Answer:
[tex]y = \frac{17}{15}x + \frac{16}{15}[/tex]
Step-by-step explanation:
So the slope-intercept form is given as: y=mx+b where m is the slope and b is the y-intercept (since if you plug in 0 as x, mx will be 0 leaving only b).

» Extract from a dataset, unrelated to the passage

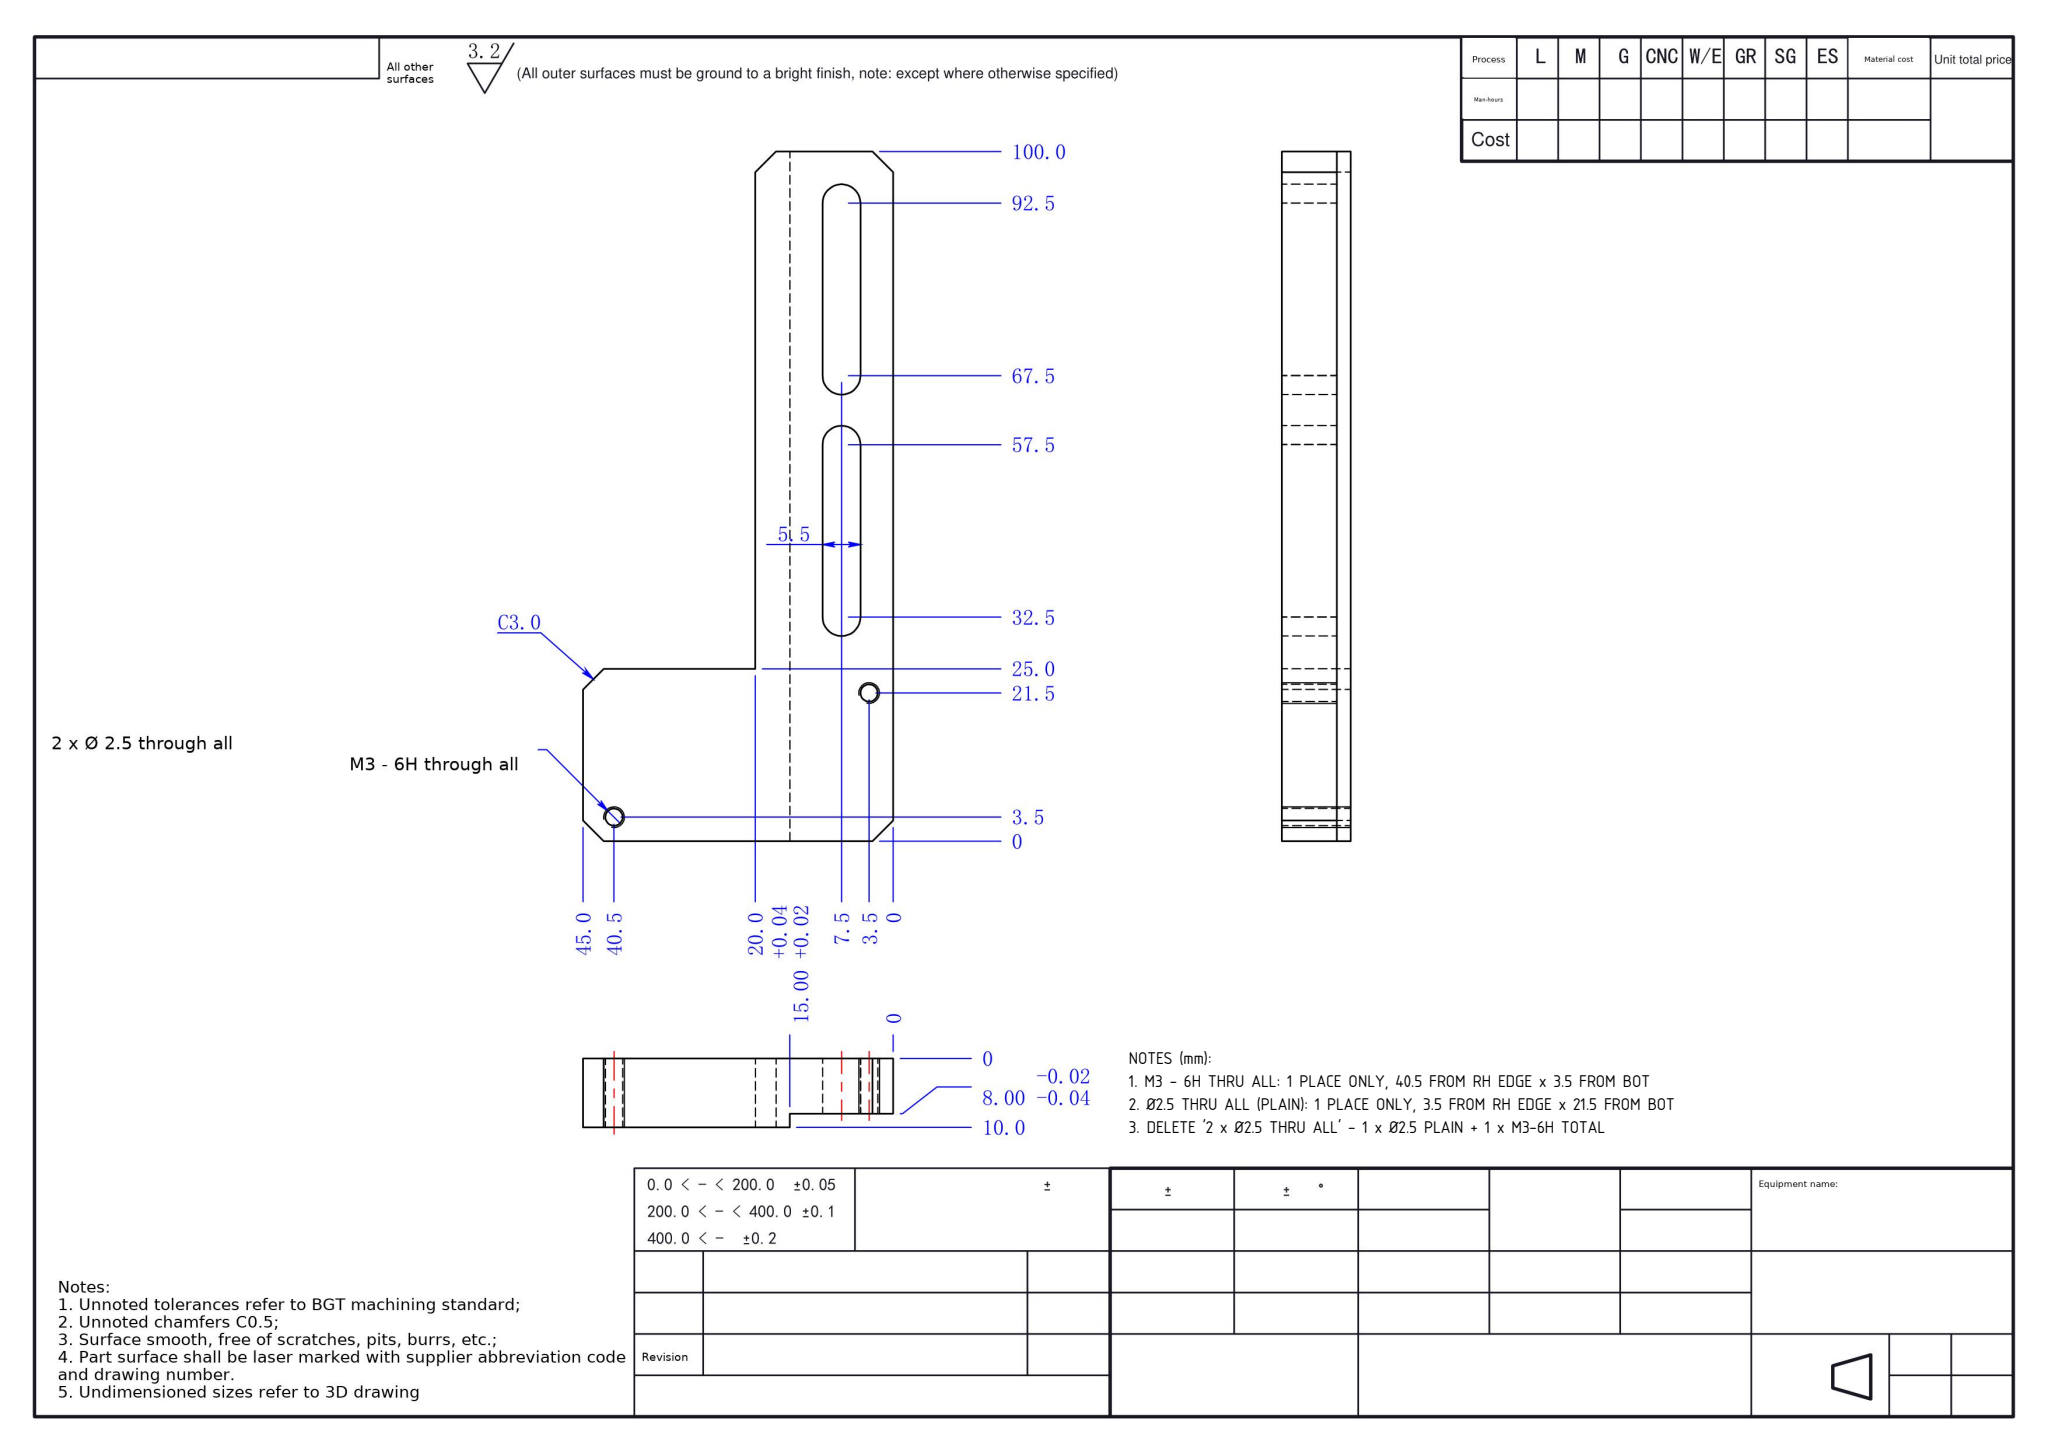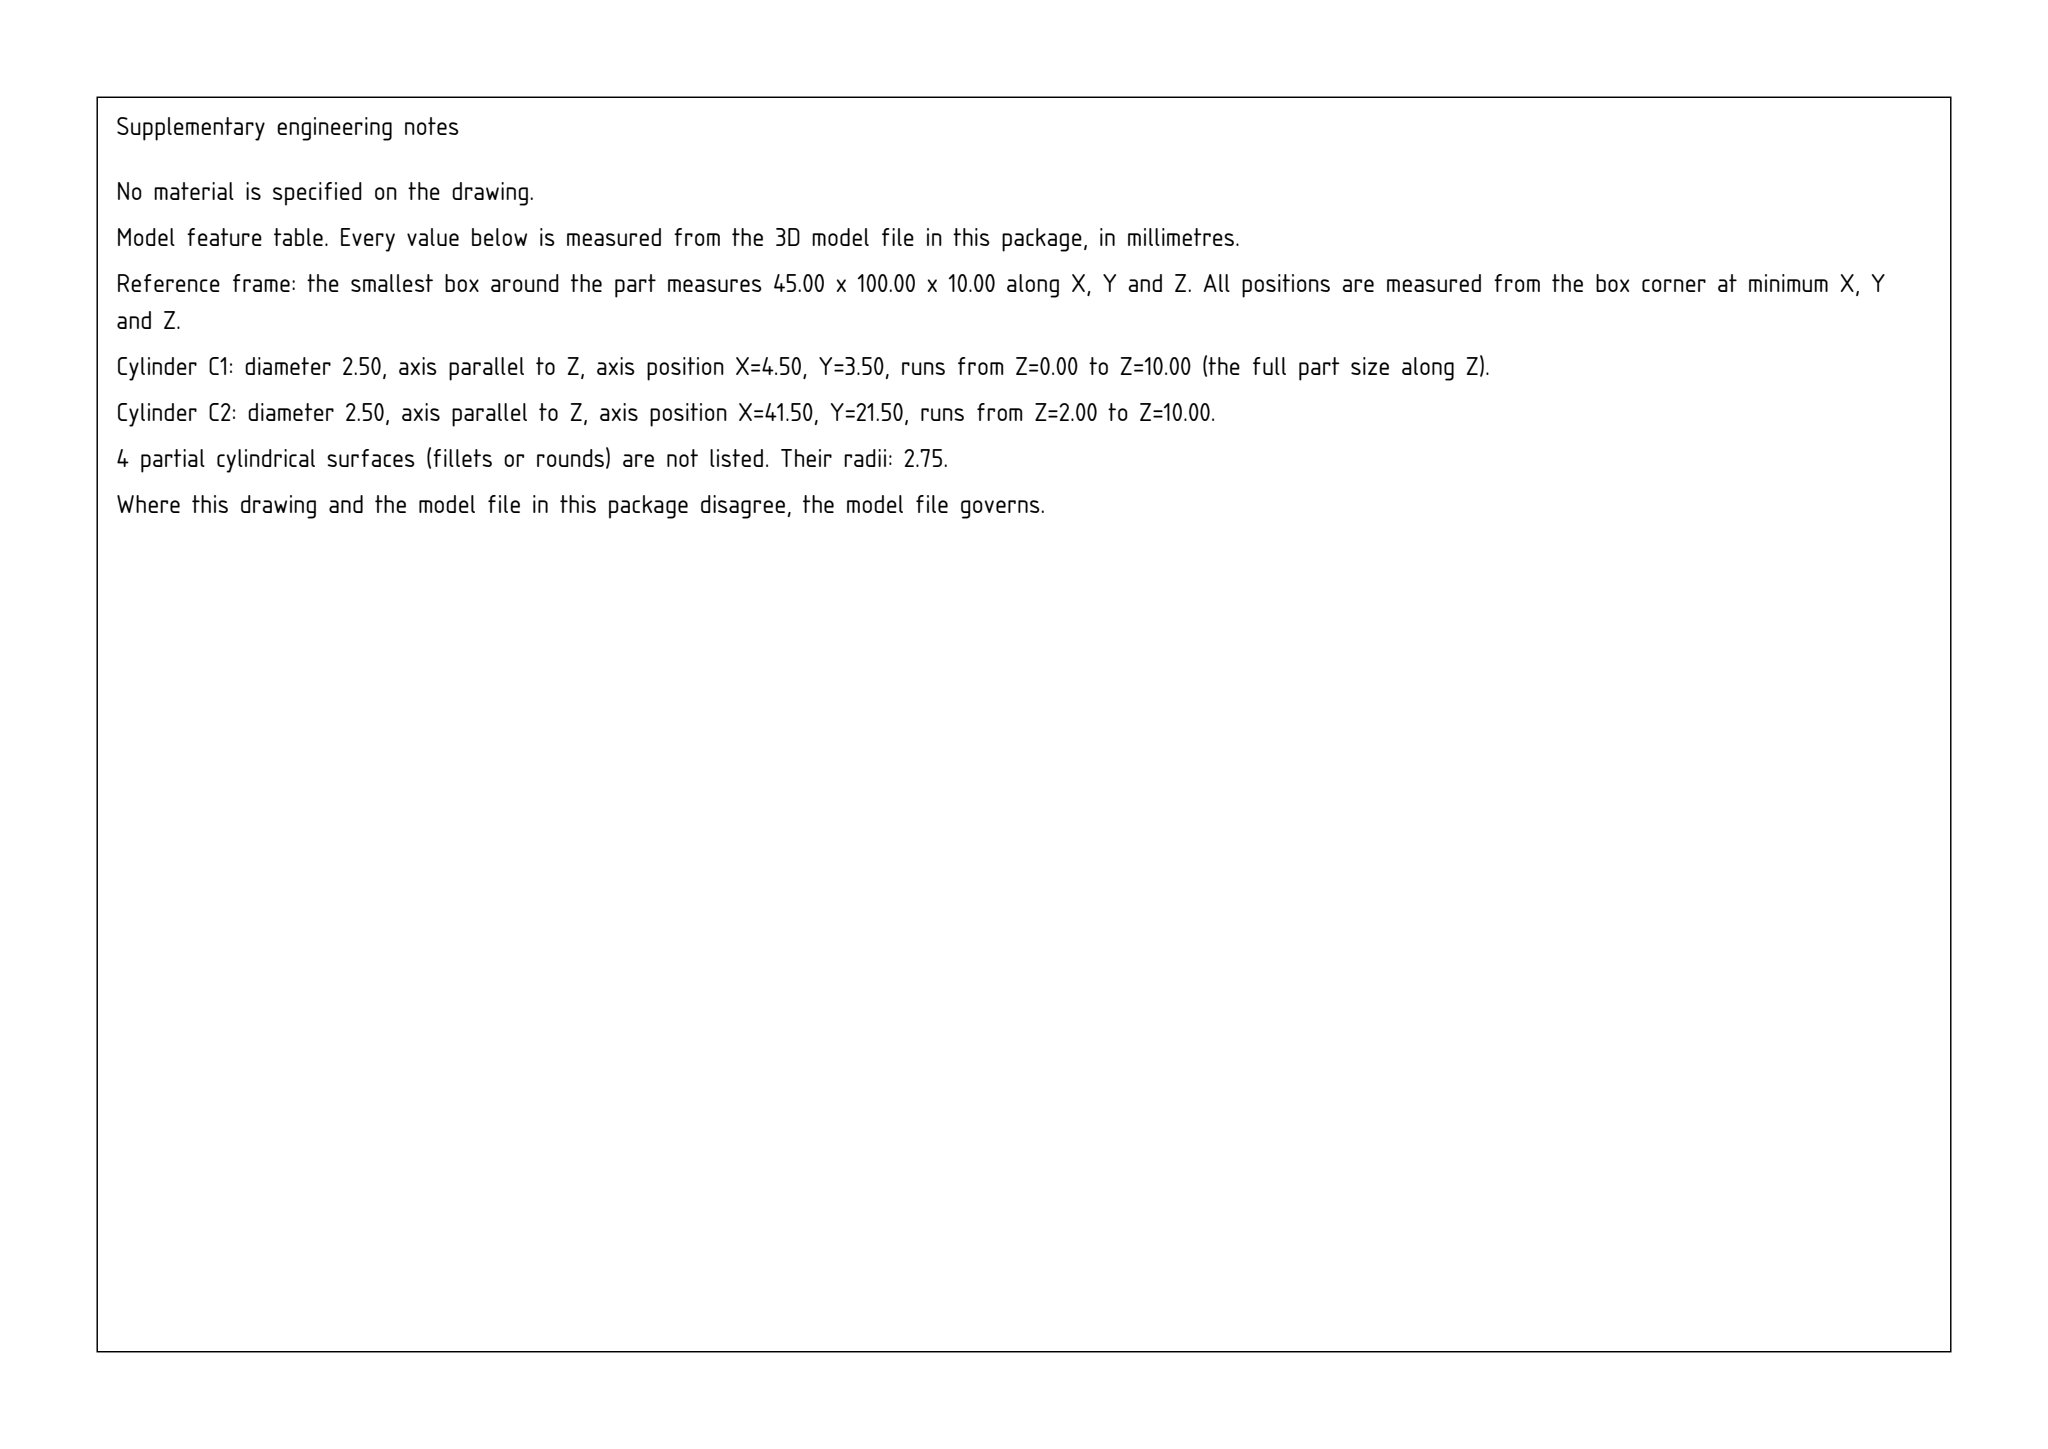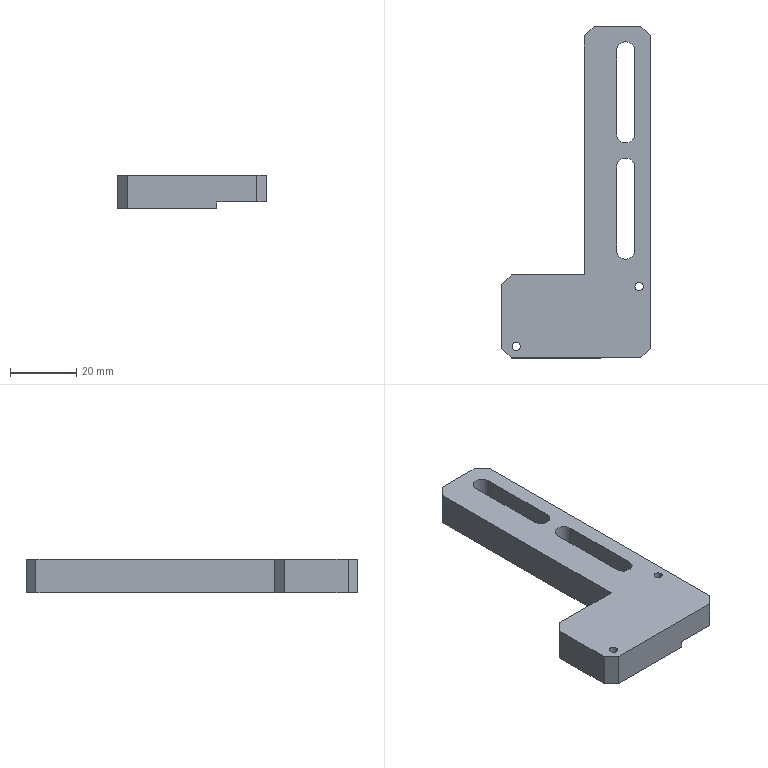Part | SolidWorks | mm | 1 solid | 27 faces | box 45 x 100 x 10 mm | volume 20375 mm3 | plane 19 | cylinder 8 | commonest cylinder face diameters 2.5 x4 5.5 x4
Drawing notes:
M3 - 6H THRU ALL: 1 PLACE ONLY, 40.5 FROM RH EDGE x 3.5 FROM BOT | from the solid: Ø2.5 z-axis cyl at (x=4.5, y=3.5), length 10 = full 10 thk; = 45.0-40.5 from RH edge datum (x=0 at right), 3.5 above y=0 bottom edge
Ø2.5 THRU ALL (PLAIN): 1 PLACE ONLY, 3.5 FROM RH EDGE x 21.5 FROM BOT | from the solid: Ø2.5 z-axis cyl at (x=41.5, y=21.5), length 8 = thk of 8.00 step region (z 2.0-10.0); = 45.0-41.5 from RH edge, 21.5 above bottom edge; only two Ø2.5 holes exist in model
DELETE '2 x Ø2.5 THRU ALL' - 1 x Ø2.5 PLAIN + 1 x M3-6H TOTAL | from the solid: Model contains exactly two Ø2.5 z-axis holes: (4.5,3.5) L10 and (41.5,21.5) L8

You can calculate the slope with the slope formula: [tex]slope=\frac{y_2-y_1}{x_2-x_1}[/tex] which is essentially [tex]\frac{rise}{run}[/tex]. So for this example (-8, -8) will be ([tex]x_1, y_1[/tex]) and (7, 9) will be ([tex]x_2, y_2[/tex]).
Plug values into equation:
[tex]\frac{9 - (-8)}{7 - (-8)}[/tex]
cancel out negatives
[tex]\frac{9+8}{7+8}\\[/tex]
Simplify
[tex]\frac{17}{15}[/tex]
The fraction is in the most simplified form unless you want to have a mixed fraction, otherwise you can't do anything else to the fraction.
so now we have the slope we have one part of the equation: [tex]y=\frac{17}{15}x + b[/tex], but now we need to solve for b. This can be done by using either of the points and plugging in x and y, but for this example I'll use (7, 9).
Plug in (7, 9) as (x, y)
[tex]9 = \frac{17}{15}(7) + b[/tex]
Multiply
[tex]9 = \frac{119}{15}+b[/tex]
Subtract
[tex]9-\frac{119}{15}=b[/tex]
Rewrite 9 as a fraction
[tex]\frac{135}{15} - \frac{119}{15} = b[/tex]
Subtract numerators
[tex]\frac{16}{15} = b[/tex]
now we have both pieces of information
[tex]y = \frac{17}{15}x + \frac{16}{15}[/tex]